FUMBLEUS WHITETAILUS – OR BUCK FEVER (November 28/97)

In my early teens on a first deer hunt. Three of us in a line, my brother and father on the flanks, climbing a hardwood hill. I looked up after negotiating a steep stretch and a deer was standing broadside, so close I could see its nostril quivering. “Dad” I called out, “there’s a big buck here looking at me.”

To this day I don’t know why I didn’t shoulder my rifle and drop the buck. I was telling Terence O’Shaughnessy about the incident recently and he said it was a simple case of buck fever. I protested. “My hands didn’t shake and I was calm,” I said. “How can you call it buck fever?”

“Fumbleus whitetailus shows up in strange ways and that’s what you had,” Terence said. I knew a lecture or a binge of storytelling was coming from the way Terence sat back in his chair and hooked a thumb through his suspenders. And so it was. For the next hour, Terence told me rollicking tales of hunters who suffered from the malady everyone calls buck fever. These incidents that happened while Terence was hunting with friends. To protect those still inclined to act erratic when the male of the deer species is encountered, names and places are omitted. Otherwise, the cases of buck fever occurred as described.
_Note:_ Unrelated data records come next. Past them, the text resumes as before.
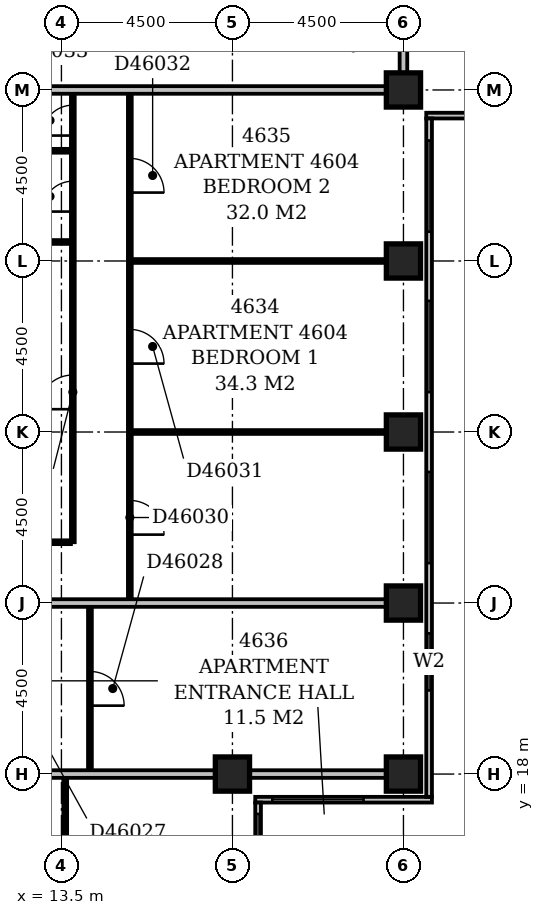
"""IFC4 building model, lengths in metres.
Left out: names, types, materials, properties, quantities, classifications, styles, units other than length and angle.
Written with IfcOpenShell. Run it as: python <this file> out.ifc"""

import sys

from ifc_helpers import new_model, si_unit, direction, frame, frame_2d, origin, origin_2d, place, context, subcontext, project, spatial, rectangle, extrude, element, fill, save


model = new_model("IFC4")
c1 = context("Model", 3, precision=1e-05, world=origin(), true_north=direction((0.0, 1.0)))
c2 = subcontext(c1, "Body", "Model", "MODEL_VIEW")
j1 = project(units=[si_unit("LENGTHUNIT", "METRE"), si_unit("PLANEANGLEUNIT", "RADIAN")], contexts=[c1])
p1 = place(None, origin())
s1 = spatial("IfcSite", under=j1, at=p1, CompositionType="ELEMENT")
p2 = place(p1, origin())
s2 = spatial("IfcBuilding", under=s1, at=p2, CompositionType="ELEMENT")
p3 = place(p2, frame((0.0, 0.0, 182.6)))
s3 = spatial("IfcBuildingStorey", under=s2, at=p3, CompositionType="ELEMENT", Elevation=182.6)
for number, where, z_axis, x_axis in (
    (1, (18.0, 18.0, -0.3), (0.0, 0.0, 1.0), (1.0, 0.0, 0.0)),
    (2, (22.5, 18.0, -0.3), (0.0, 0.0, 1.0), (1.0, 0.0, 0.0)),
    (3, (22.5, 22.5, -0.3), (0.0, 0.0, 1.0), (1.0, 0.0, 0.0)),
    (4, (22.5, 27.0, -0.3), (0.0, 0.0, 1.0), (1.0, 0.0, 0.0)),
    (5, (22.5, 31.5, -0.3), (0.0, 0.0, 1.0), (1.0, 0.0, 0.0)),
    (6, (22.5, 36.0, -0.3), (0.0, 0.0, 1.0), (1.0, 0.0, 0.0)),
):
    element("IfcColumn", number, at=place(p3, frame(where, z_axis=z_axis, x_axis=x_axis)), inside=s3, PredefinedType="COLUMN", context=c2, shape_type="SweptSolid", body=[
        extrude(rectangle(XDim=0.9, YDim=0.9, at=origin_2d()), origin(), (0.0, 0.0, 1.0), 3.55),
    ])
p4 = place(p3, frame((18.675, 8.4, 0.0), z_axis=(0.0, 0.0, 1.0), x_axis=(0.0, 1.0, 0.0)))
e7 = element("IfcWall", 7, at=p4, inside=s3, PredefinedType="STANDARD", context=c2, shape_type="SweptSolid", body=[
    extrude(rectangle(XDim=8.85, YDim=0.15, at=frame_2d((4.425, 0.0))), origin(), (0.0, 0.0, 1.0), 2.7),
])
p5 = place(p4, frame((1.871, 0.0, 0.6)))
e8 = element("IfcOpeningElement", 8, at=p5, cuts=e7, PredefinedType="OPENING", context=c2, shape_type="SweptSolid", body=[
    extrude(rectangle(XDim=2.4, YDim=1.8, at=frame_2d((1.2, 0.9))), frame((0.0, 0.087, 0.0), z_axis=(0.0, -1.0, 0.0), x_axis=(1.0, 0.0, 0.0)), (0.0, 0.0, 1.0), 0.174),
])
p6 = place(p4, frame((6.15, 0.0, 0.6)))
e9 = element("IfcOpeningElement", 9, at=p6, cuts=e7, PredefinedType="OPENING", context=c2, shape_type="SweptSolid", body=[
    extrude(rectangle(XDim=2.4, YDim=1.8, at=frame_2d((1.2, 0.9))), frame((0.0, 0.087, 0.0), z_axis=(0.0, -1.0, 0.0), x_axis=(1.0, 0.0, 0.0)), (0.0, 0.0, 1.0), 0.174),
])
p7 = place(p3, frame((18.6, 17.325, 0.0), z_axis=(0.0, 0.0, 1.0), x_axis=(1.0, 0.0, 0.0)))
e10 = element("IfcWall", 10, at=p7, inside=s3, PredefinedType="STANDARD", context=c2, shape_type="SweptSolid", body=[
    extrude(rectangle(XDim=4.65, YDim=0.15, at=frame_2d((2.325, 0.0))), origin(), (0.0, 0.0, 1.0), 2.7),
])
p8 = place(p7, frame((0.45, 0.0, 0.6)))
e11 = element("IfcOpeningElement", 11, at=p8, cuts=e10, PredefinedType="OPENING", context=c2, shape_type="SweptSolid", body=[
    extrude(rectangle(XDim=2.4, YDim=1.8, at=frame_2d((1.2, 0.9))), frame((0.0, 0.087, 0.0), z_axis=(0.0, -1.0, 0.0), x_axis=(1.0, 0.0, 0.0)), (0.0, 0.0, 1.0), 0.174),
])
p9 = place(p3, frame((23.175, 17.4, 0.0), z_axis=(0.0, 0.0, 1.0), x_axis=(0.0, 1.0, 0.0)))
e12 = element("IfcWall", 12, at=p9, inside=s3, PredefinedType="STANDARD", context=c2, shape_type="SweptSolid", body=[
    extrude(rectangle(XDim=17.85, YDim=0.15, at=frame_2d((8.925, 0.0))), origin(), (0.0, 0.0, 1.0), 2.7),
])
p10 = place(p9, frame((2.802, 0.0, 0.6)))
e13 = element("IfcOpeningElement", 13, at=p10, cuts=e12, PredefinedType="OPENING", context=c2, shape_type="SweptSolid", body=[
    extrude(rectangle(XDim=1.5, YDim=1.8, at=frame_2d((0.75, 0.9))), frame((0.0, 0.087, 0.0), z_axis=(0.0, -1.0, 0.0), x_axis=(1.0, 0.0, 0.0)), (0.0, 0.0, 1.0), 0.174),
])
p11 = place(p9, frame((6.15, 0.0, 0.6)))
e14 = element("IfcOpeningElement", 14, at=p11, cuts=e12, PredefinedType="OPENING", context=c2, shape_type="SweptSolid", body=[
    extrude(rectangle(XDim=2.4, YDim=1.8, at=frame_2d((1.2, 0.9))), frame((0.0, 0.087, 0.0), z_axis=(0.0, -1.0, 0.0), x_axis=(1.0, 0.0, 0.0)), (0.0, 0.0, 1.0), 0.174),
])
p12 = place(p9, frame((10.65, 0.0, 0.6)))
e15 = element("IfcOpeningElement", 15, at=p12, cuts=e12, PredefinedType="OPENING", context=c2, shape_type="SweptSolid", body=[
    extrude(rectangle(XDim=2.4, YDim=1.8, at=frame_2d((1.2, 0.9))), frame((0.0, 0.087, 0.0), z_axis=(0.0, -1.0, 0.0), x_axis=(1.0, 0.0, 0.0)), (0.0, 0.0, 1.0), 0.174),
])
p13 = place(p9, frame((14.869, 0.0, 0.6)))
e16 = element("IfcOpeningElement", 16, at=p13, cuts=e12, PredefinedType="OPENING", context=c2, shape_type="SweptSolid", body=[
    extrude(rectangle(XDim=2.4, YDim=1.8, at=frame_2d((1.2, 0.9))), frame((0.0, 0.087, 0.0), z_axis=(0.0, -1.0, 0.0), x_axis=(1.0, 0.0, 0.0)), (0.0, 0.0, 1.0), 0.174),
])
p14 = place(p3, frame((23.1, 35.325, 0.0), z_axis=(0.0, 0.0, 1.0), x_axis=(1.0, 0.0, 0.0)))
e17 = element("IfcWall", 17, at=p14, inside=s3, PredefinedType="STANDARD", context=c2, shape_type="SweptSolid", body=[
    extrude(rectangle(XDim=45.15, YDim=0.15, at=frame_2d((22.575, 0.0))), origin(), (0.0, 0.0, 1.0), 2.7),
])
p15 = place(p14, frame((1.989, 0.0, 0.6)))
e18 = element("IfcOpeningElement", 18, at=p15, cuts=e17, PredefinedType="OPENING", context=c2, shape_type="SweptSolid", body=[
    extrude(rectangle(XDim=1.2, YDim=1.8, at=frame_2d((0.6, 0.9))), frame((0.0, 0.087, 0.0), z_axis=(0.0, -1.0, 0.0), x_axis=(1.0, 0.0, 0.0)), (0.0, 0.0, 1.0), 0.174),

After a rugged morning of beating the bushes in the days when doe deer were legal game, Terence and a companion sat down on a log to eat lunch. While they were eating a doe walked out of the bushes close by and stopped to look at them. Terence’s companion grabbed his rifle, pointed it at the doe and attempted to cock it with his thumb. He fumbled with the hammer once, twice a third time while the doe slowly walked away, but couldn’t cock the rifle. When the doe disappeared into the bush the hunter discovered he was holding the rifle upside down.

One of Terence’s longtime hunting companions had the greatest luck in seeing deer but was always missed them – and he usually had a reasonable excuse why he missed. After he jumped several deer one morning without getting a shot off he told Terence something was wrong with his rifle. Later that day Terence observed his companion when he jumped a buck. His companion aimed at the deer and pulled the trigger repeatedly… without releasing the safety.

One of Terence’s hunting pals became completely rattled whenever he saw a deer with horns. He bagged does with no problem. When he saw horns, however, he began to shoot wildly without aiming. “Usually he shot low in the general direction of the buck,” Terence said.

This may have been the same friend who told Terence that minutes before they met in the woods he emptied his rifle at three deer and never hit one. This puzzled Terence since he hadn’t heard a shot. He asked his companion to show him where he was standing when he fired at the deer. His companion showed him the spot. On the ground were a handful of live shells. As he said, he had emptied his rifle when he jumped the three deer… by jacking the shells out of it.

As Terence said, buck fever manifests itself in strange ways. One of his friends froze when a buck walked up to an apple tree he was watching. He explained that he didn’t dare move because the deer was looking at him. While he was immobile the buck ate his fill and walked away unharmed. While Terence watched, another friend drew his bow on a deer that was close by in the open. He held the bow in the drawn position for several minutes while the deer walked by and ambled safely away.

“He couldn’t tell me why he didn’t release his arrow but I knew what it was,” Terence said. “A case pure and simple of buck fever.”